We will now look at the classical horse and cart paradox. This can be simplified into two masses connected by a light non-extensible string. A common misconception would be, how can a horse move a cart if they exert equal and opposite forces on each other? In fact, this statement would be correct if and only if the system only contained the horse, the cart and nothing else. However in real-world scenarios, people often forget about the fact that when the horse tries to pull the cart, the horse is exerting force onto the ground with its hooves, with the ground exerting an opposite and equal reaction towards the hooves, which drives the entire system (horse and cart) as a whole forward. This doesn't contradict the fact that the horse is ALSO pulling the cart with force \[T\] (tension), and the cart is pulling on the horse with force \[-T\] (equal and opposite), where \[T\] is obviously less than the force exerted on the ground by the horse.

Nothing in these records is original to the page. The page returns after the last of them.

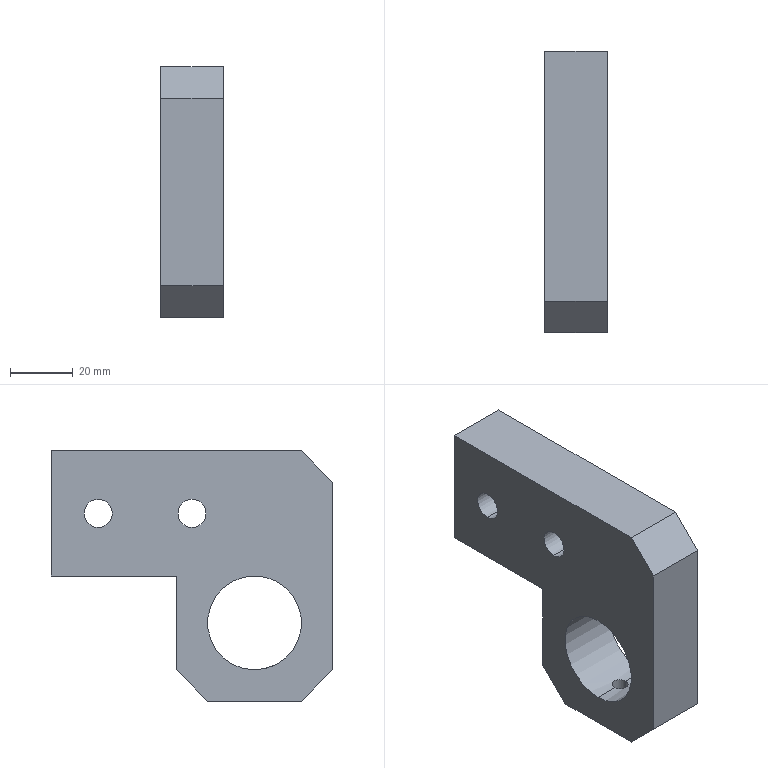Component | SolidWorks | UpperAxisBracket-1 | 1 solid | 19 faces | box 20 x 90 x 80 mm | volume 92121 mm3 | plane 11 | cylinder 8 | commonest cylinder face diameters 9 x4 5 x2 30 x2
build123d program:
from build123d import *

# Parameters (mm, degrees)
SKETCH1_R              = 15
BOSS_EXTRUDE1_DEPTH    = 20
SKETCH2_R              = 4.5
CUT_EXTRUDE1_DEPTH     = 123.066
CHAMFER1_SIZE          = 10
M6_TAPPED_HOLE1_REACH  = 124.066
M6_TAPPED_HOLE1_BORE_R = 2.5


with BuildPart() as part:
    # Sketch1 → Boss-Extrude1 (new body)
    with BuildSketch(Plane.XY):
        Polygon((0, 0), (0, 90), (80, 90), (80, 40), (40, 40), (40, 0), align=None)
        with Locations((55, 65)):
            Circle(SKETCH1_R, mode=Mode.SUBTRACT)
    extrude(amount=BOSS_EXTRUDE1_DEPTH)

    # Sketch2 → Cut-Extrude1 (cut, through all)
    with BuildSketch(Plane(origin=(0, 0, 0), x_dir=(-1, 0, 0), z_dir=(0, 0, -1))):
        with Locations((-20, 45)):
            Circle(SKETCH2_R)
        with Locations((-20, 15)):
            Circle(SKETCH2_R)
    extrude(amount=-CUT_EXTRUDE1_DEPTH, mode=Mode.SUBTRACT)

    # Chamfer1
    chamfer1_edges = [part.edges().sort_by_distance(p)[0] for p in [
        (0, 90, 10),
        (80, 90, 10),
        (80, 40, 10),
    ]]
    chamfer(chamfer1_edges, length=CHAMFER1_SIZE)

    # M6 Tapped Hole1 bore → M6 Tapped Hole1 (cut, up to next)
    with BuildSketch(Plane(origin=(80, 0, 0), x_dir=(0, 0, -1), z_dir=(1, 0, 0)), mode=Mode.PRIVATE) as m6_tapped_hole1_sk1:
        with Locations((-10, 65)):
            Circle(M6_TAPPED_HOLE1_BORE_R)
    m6_tapped_hole1_tool1 = extrude(m6_tapped_hole1_sk1.sketch, amount=-M6_TAPPED_HOLE1_REACH, mode=Mode.PRIVATE) & part.part
    add(m6_tapped_hole1_tool1.solids().sort_by_distance((80, 65, 10))[0], mode=Mode.SUBTRACT)


solid = part.part

# Placed as in the assembly
solid = solid.moved(Location((-5.532, -245.334, 1376.399), (180, -90, 0)))
STEP:
#1=COLOUR_RGB('',0.7922,0.8196,0.9333);
#2=FILL_AREA_STYLE_COLOUR('',#1);
#3=FILL_AREA_STYLE('',(#2));
#4=SURFACE_STYLE_FILL_AREA(#3);
#5=SURFACE_SIDE_STYLE('',(#4));
#6=SURFACE_STYLE_USAGE(.BOTH.,#5);
#7=PRESENTATION_STYLE_ASSIGNMENT((#6));
#8=CARTESIAN_POINT('',(-0.5131,-12.218,51.433));
#9=VERTEX_POINT('',#8);
#10=CARTESIAN_POINT('',(-0.7099,-12.218,51.433));
#11=VERTEX_POINT('',#10);
#12=CARTESIAN_POINT('',(-0.5131,-12.218,51.433));
#13=CARTESIAN_POINT('',(-0.5131,-12.211,51.433));
#14=CARTESIAN_POINT('',(-0.5137,-12.205,51.433));
#15=CARTESIAN_POINT('',(-0.5162,-12.192,51.434));
#16=CARTESIAN_POINT('',(-0.5181,-12.186,51.434));
#17=CARTESIAN_POINT('',(-0.5231,-12.174,51.435));
#18=CARTESIAN_POINT('',(-0.5261,-12.169,51.435));
#19=CARTESIAN_POINT('',(-0.5332,-12.158,51.436));
#20=CARTESIAN_POINT('',(-0.5374,-12.153,51.437));
#21=CARTESIAN_POINT('',(-0.551,-12.139,51.438));
#22=CARTESIAN_POINT('',(-0.5619,-12.132,51.439));
#23=CARTESIAN_POINT('',(-0.5797,-12.125,51.44));
#24=CARTESIAN_POINT('',(-0.5859,-12.123,51.441));
#25=CARTESIAN_POINT('',(-0.5986,-12.12,51.441));
#26=CARTESIAN_POINT('',(-0.605,-12.119,51.441));
#27=CARTESIAN_POINT('',(-0.6179,-12.119,51.441));
#28=CARTESIAN_POINT('',(-0.6244,-12.12,51.441));
#29=CARTESIAN_POINT('',(-0.637,-12.123,51.441));
#30=CARTESIAN_POINT('',(-0.6432,-12.124,51.44));
#31=CARTESIAN_POINT('',(-0.6551,-12.129,51.44));
#32=CARTESIAN_POINT('',(-0.6609,-12.132,51.439));
#33=CARTESIAN_POINT('',(-0.6715,-12.14,51.438));
#34=CARTESIAN_POINT('',(-0.6765,-12.144,51.438));
#35=CARTESIAN_POINT('',(-0.6857,-12.153,51.437));
#36=CARTESIAN_POINT('',(-0.6897,-12.158,51.436));
#37=CARTESIAN_POINT('',(-0.6969,-12.168,51.435));
#38=CARTESIAN_POINT('',(-0.6999,-12.174,51.435));
#39=CARTESIAN_POINT('',(-0.7049,-12.186,51.434));
#40=CARTESIAN_POINT('',(-0.7067,-12.192,51.434));
#41=CARTESIAN_POINT('',(-0.7093,-12.205,51.433));
#42=CARTESIAN_POINT('',(-0.7099,-12.211,51.433));
#43=CARTESIAN_POINT('',(-0.7099,-12.218,51.433));
#44=B_SPLINE_CURVE_WITH_KNOTS('',3,(#12,#13,#14,#15,#16,#17,#18,#19,#20,#21,#22,#23,#24,#25,#26,#27,#28,#29,#30,#31,#32,#33,#34,#35,#36,#37,#38,#39,#40,#41,#42,#43),.UNSPECIFIED.,.F.,.F.,(4,2,2,2,2,2,2,2,2,2,2,2,2,2,2,4),(0.,0.0004894,0.0009787,0.001468,0.001957,0.002936,0.003426,0.003915,0.004404,0.004894,0.005383,0.005872,0.006362,0.006851,0.00734,0.00783),.UNSPECIFIED.);
#45=EDGE_CURVE('',#9,#11,#44,.T.);
#46=ORIENTED_EDGE('',*,*,#45,.T.);
#47=CARTESIAN_POINT('',(-0.7099,-12.218,51.039));
#48=VERTEX_POINT('',#47);
#49=CARTESIAN_POINT('',(-0.7099,-12.218,51.039));
#50=DIRECTION('',(-0.,0.,-1.));
#51=VECTOR('',#50,39.37);
#52=LINE('',#49,#51);
#53=EDGE_CURVE('',#11,#48,#52,.T.);
#54=ORIENTED_EDGE('',*,*,#53,.T.);
#55=CARTESIAN_POINT('',(-0.5131,-12.218,51.039));
#56=VERTEX_POINT('',#55);
#57=CARTESIAN_POINT('',(-0.6115,-12.218,51.039));
#58=DIRECTION('',(-0.,0.,-1.));
#59=DIRECTION('',(1.,0.,0.));
#60=AXIS2_PLACEMENT_3D('',#57,#58,#59);
#61=CIRCLE('',#60,0.09843);
#62=EDGE_CURVE('',#48,#56,#61,.T.);
#63=ORIENTED_EDGE('',*,*,#62,.T.);
#64=CARTESIAN_POINT('',(-0.5131,-12.218,51.039));
#65=DIRECTION('',(-0.,0.,-1.));
#66=VECTOR('',#65,39.37);
#67=LINE('',#64,#66);
#68=EDGE_CURVE('',#9,#56,#67,.T.);
#69=ORIENTED_EDGE('',*,*,#68,.F.);
#70=EDGE_LOOP('',(#46,#54,#63,#69));
#71=FACE_OUTER_BOUND('',#70,.T.);
#72=CARTESIAN_POINT('',(-0.6115,-12.218,51.039));
#73=DIRECTION('',(-0.,0.,-1.));
#74=DIRECTION('',(1.,0.,0.));
#75=AXIS2_PLACEMENT_3D('',#72,#73,#74);
#76=CYLINDRICAL_SURFACE('',#75,0.09843);
#77=ADVANCED_FACE('',(#71),#76,.F.);
#78=CARTESIAN_POINT('',(-1.005,-10.249,53.224));
#79=VERTEX_POINT('',#78);
#80=CARTESIAN_POINT('',(-1.005,-10.249,53.579));
#81=VERTEX_POINT('',#80);
#82=CARTESIAN_POINT('',(-1.005,-10.249,53.402));
#83=DIRECTION('',(1.,0.,-0.));
#84=DIRECTION('',(0.,0.,1.));
#85=AXIS2_PLACEMENT_3D('',#82,#83,#84);
#86=CIRCLE('',#85,0.1772);
#87=EDGE_CURVE('',#79,#81,#86,.T.);
#88=ORIENTED_EDGE('',*,*,#87,.F.);
#89=CARTESIAN_POINT('',(-0.2178,-10.249,53.224));
#90=VERTEX_POINT('',#89);
#91=CARTESIAN_POINT('',(-1.005,-10.249,53.224));
#92=DIRECTION('',(1.,0.,-0.));
#93=VECTOR('',#92,39.37);
#94=LINE('',#91,#93);
#95=EDGE_CURVE('',#79,#90,#94,.T.);
#96=ORIENTED_EDGE('',*,*,#95,.T.);
#97=CARTESIAN_POINT('',(-0.2178,-10.249,53.579));
#98=VERTEX_POINT('',#97);
#99=CARTESIAN_POINT('',(-0.2178,-10.249,53.402));
#100=DIRECTION('',(1.,0.,-0.));
#101=DIRECTION('',(0.,0.,1.));
#102=AXIS2_PLACEMENT_3D('',#99,#100,#101);
#103=CIRCLE('',#102,0.1772);
#104=EDGE_CURVE('',#90,#98,#103,.T.);
#105=ORIENTED_EDGE('',*,*,#104,.T.);
#106=CARTESIAN_POINT('',(-1.005,-10.249,53.579));
#107=DIRECTION('',(1.,0.,-0.));
#108=VECTOR('',#107,39.37);
#109=LINE('',#106,#108);
#110=EDGE_CURVE('',#81,#98,#109,.T.);
#111=ORIENTED_EDGE('',*,*,#110,.F.);
#112=EDGE_LOOP('',(#88,#96,#105,#111));
#113=FACE_OUTER_BOUND('',#112,.T.);
#114=CARTESIAN_POINT('',(-1.005,-10.249,53.402));
#115=DIRECTION('',(1.,0.,-0.));
#116=DIRECTION('',(0.,0.,1.));
#117=AXIS2_PLACEMENT_3D('',#114,#115,#116);
#118=CYLINDRICAL_SURFACE('',#117,0.1772);
#119=ADVANCED_FACE('',(#113),#118,.F.);
#120=CARTESIAN_POINT('',(-1.005,-11.43,53.224));
#121=VERTEX_POINT('',#120);
#122=CARTESIAN_POINT('',(-1.005,-11.43,53.579));
#123=VERTEX_POINT('',#122);
#124=CARTESIAN_POINT('',(-1.005,-11.43,53.402));
#125=DIRECTION('',(1.,0.,-0.));
#126=DIRECTION('',(0.,0.,1.));
#127=AXIS2_PLACEMENT_3D('',#124,#125,#126);
#128=CIRCLE('',#127,0.1772);
#129=EDGE_CURVE('',#121,#123,#128,.T.);
#130=ORIENTED_EDGE('',*,*,#129,.F.);
#131=CARTESIAN_POINT('',(-0.2178,-11.43,53.224));
#132=VERTEX_POINT('',#131);
#133=CARTESIAN_POINT('',(-1.005,-11.43,53.224));
#134=DIRECTION('',(1.,0.,-0.));
#135=VECTOR('',#134,39.37);
#136=LINE('',#133,#135);
#137=EDGE_CURVE('',#121,#132,#136,.T.);
#138=ORIENTED_EDGE('',*,*,#137,.T.);
#139=CARTESIAN_POINT('',(-0.2178,-11.43,53.579));
#140=VERTEX_POINT('',#139);
#141=CARTESIAN_POINT('',(-0.2178,-11.43,53.402));
#142=DIRECTION('',(1.,0.,-0.));
#143=DIRECTION('',(0.,0.,1.));
#144=AXIS2_PLACEMENT_3D('',#141,#142,#143);
#145=CIRCLE('',#144,0.1772);
#146=EDGE_CURVE('',#132,#140,#145,.T.);
#147=ORIENTED_EDGE('',*,*,#146,.T.);
#148=CARTESIAN_POINT('',(-1.005,-11.43,53.579));
#149=DIRECTION('',(1.,0.,-0.));
#150=VECTOR('',#149,39.37);
#151=LINE('',#148,#150);
#152=EDGE_CURVE('',#123,#140,#151,.T.);
#153=ORIENTED_EDGE('',*,*,#152,.F.);
#154=EDGE_LOOP('',(#130,#138,#147,#153));
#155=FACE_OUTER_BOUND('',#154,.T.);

To make this example clearer, we will attempt to calculate all forces mathematically. Assume \[F_{h}\] is the force applied by the hooves onto the ground at angle \[\theta\]. The vertical component, \[F_{h}\sin\theta\] would be the normal force of \[F_{h}\], while the horizontal component, \[F_{h}\cos\theta\] would be the force driving the entire system forward. Assuming here that the cart wheels are magical and have zero friction with the ground, then the net force acting on the cart would be exactly \[T\] in the forwards direction (by the horse), and the net force acting on the horse would be \[F_{h}\cos\theta-T\]. If there were friction between the wheels and the ground, then the net force acting on the cart would simply be \[T-F_{r}\], where \[F_{r}\] is the frictional force.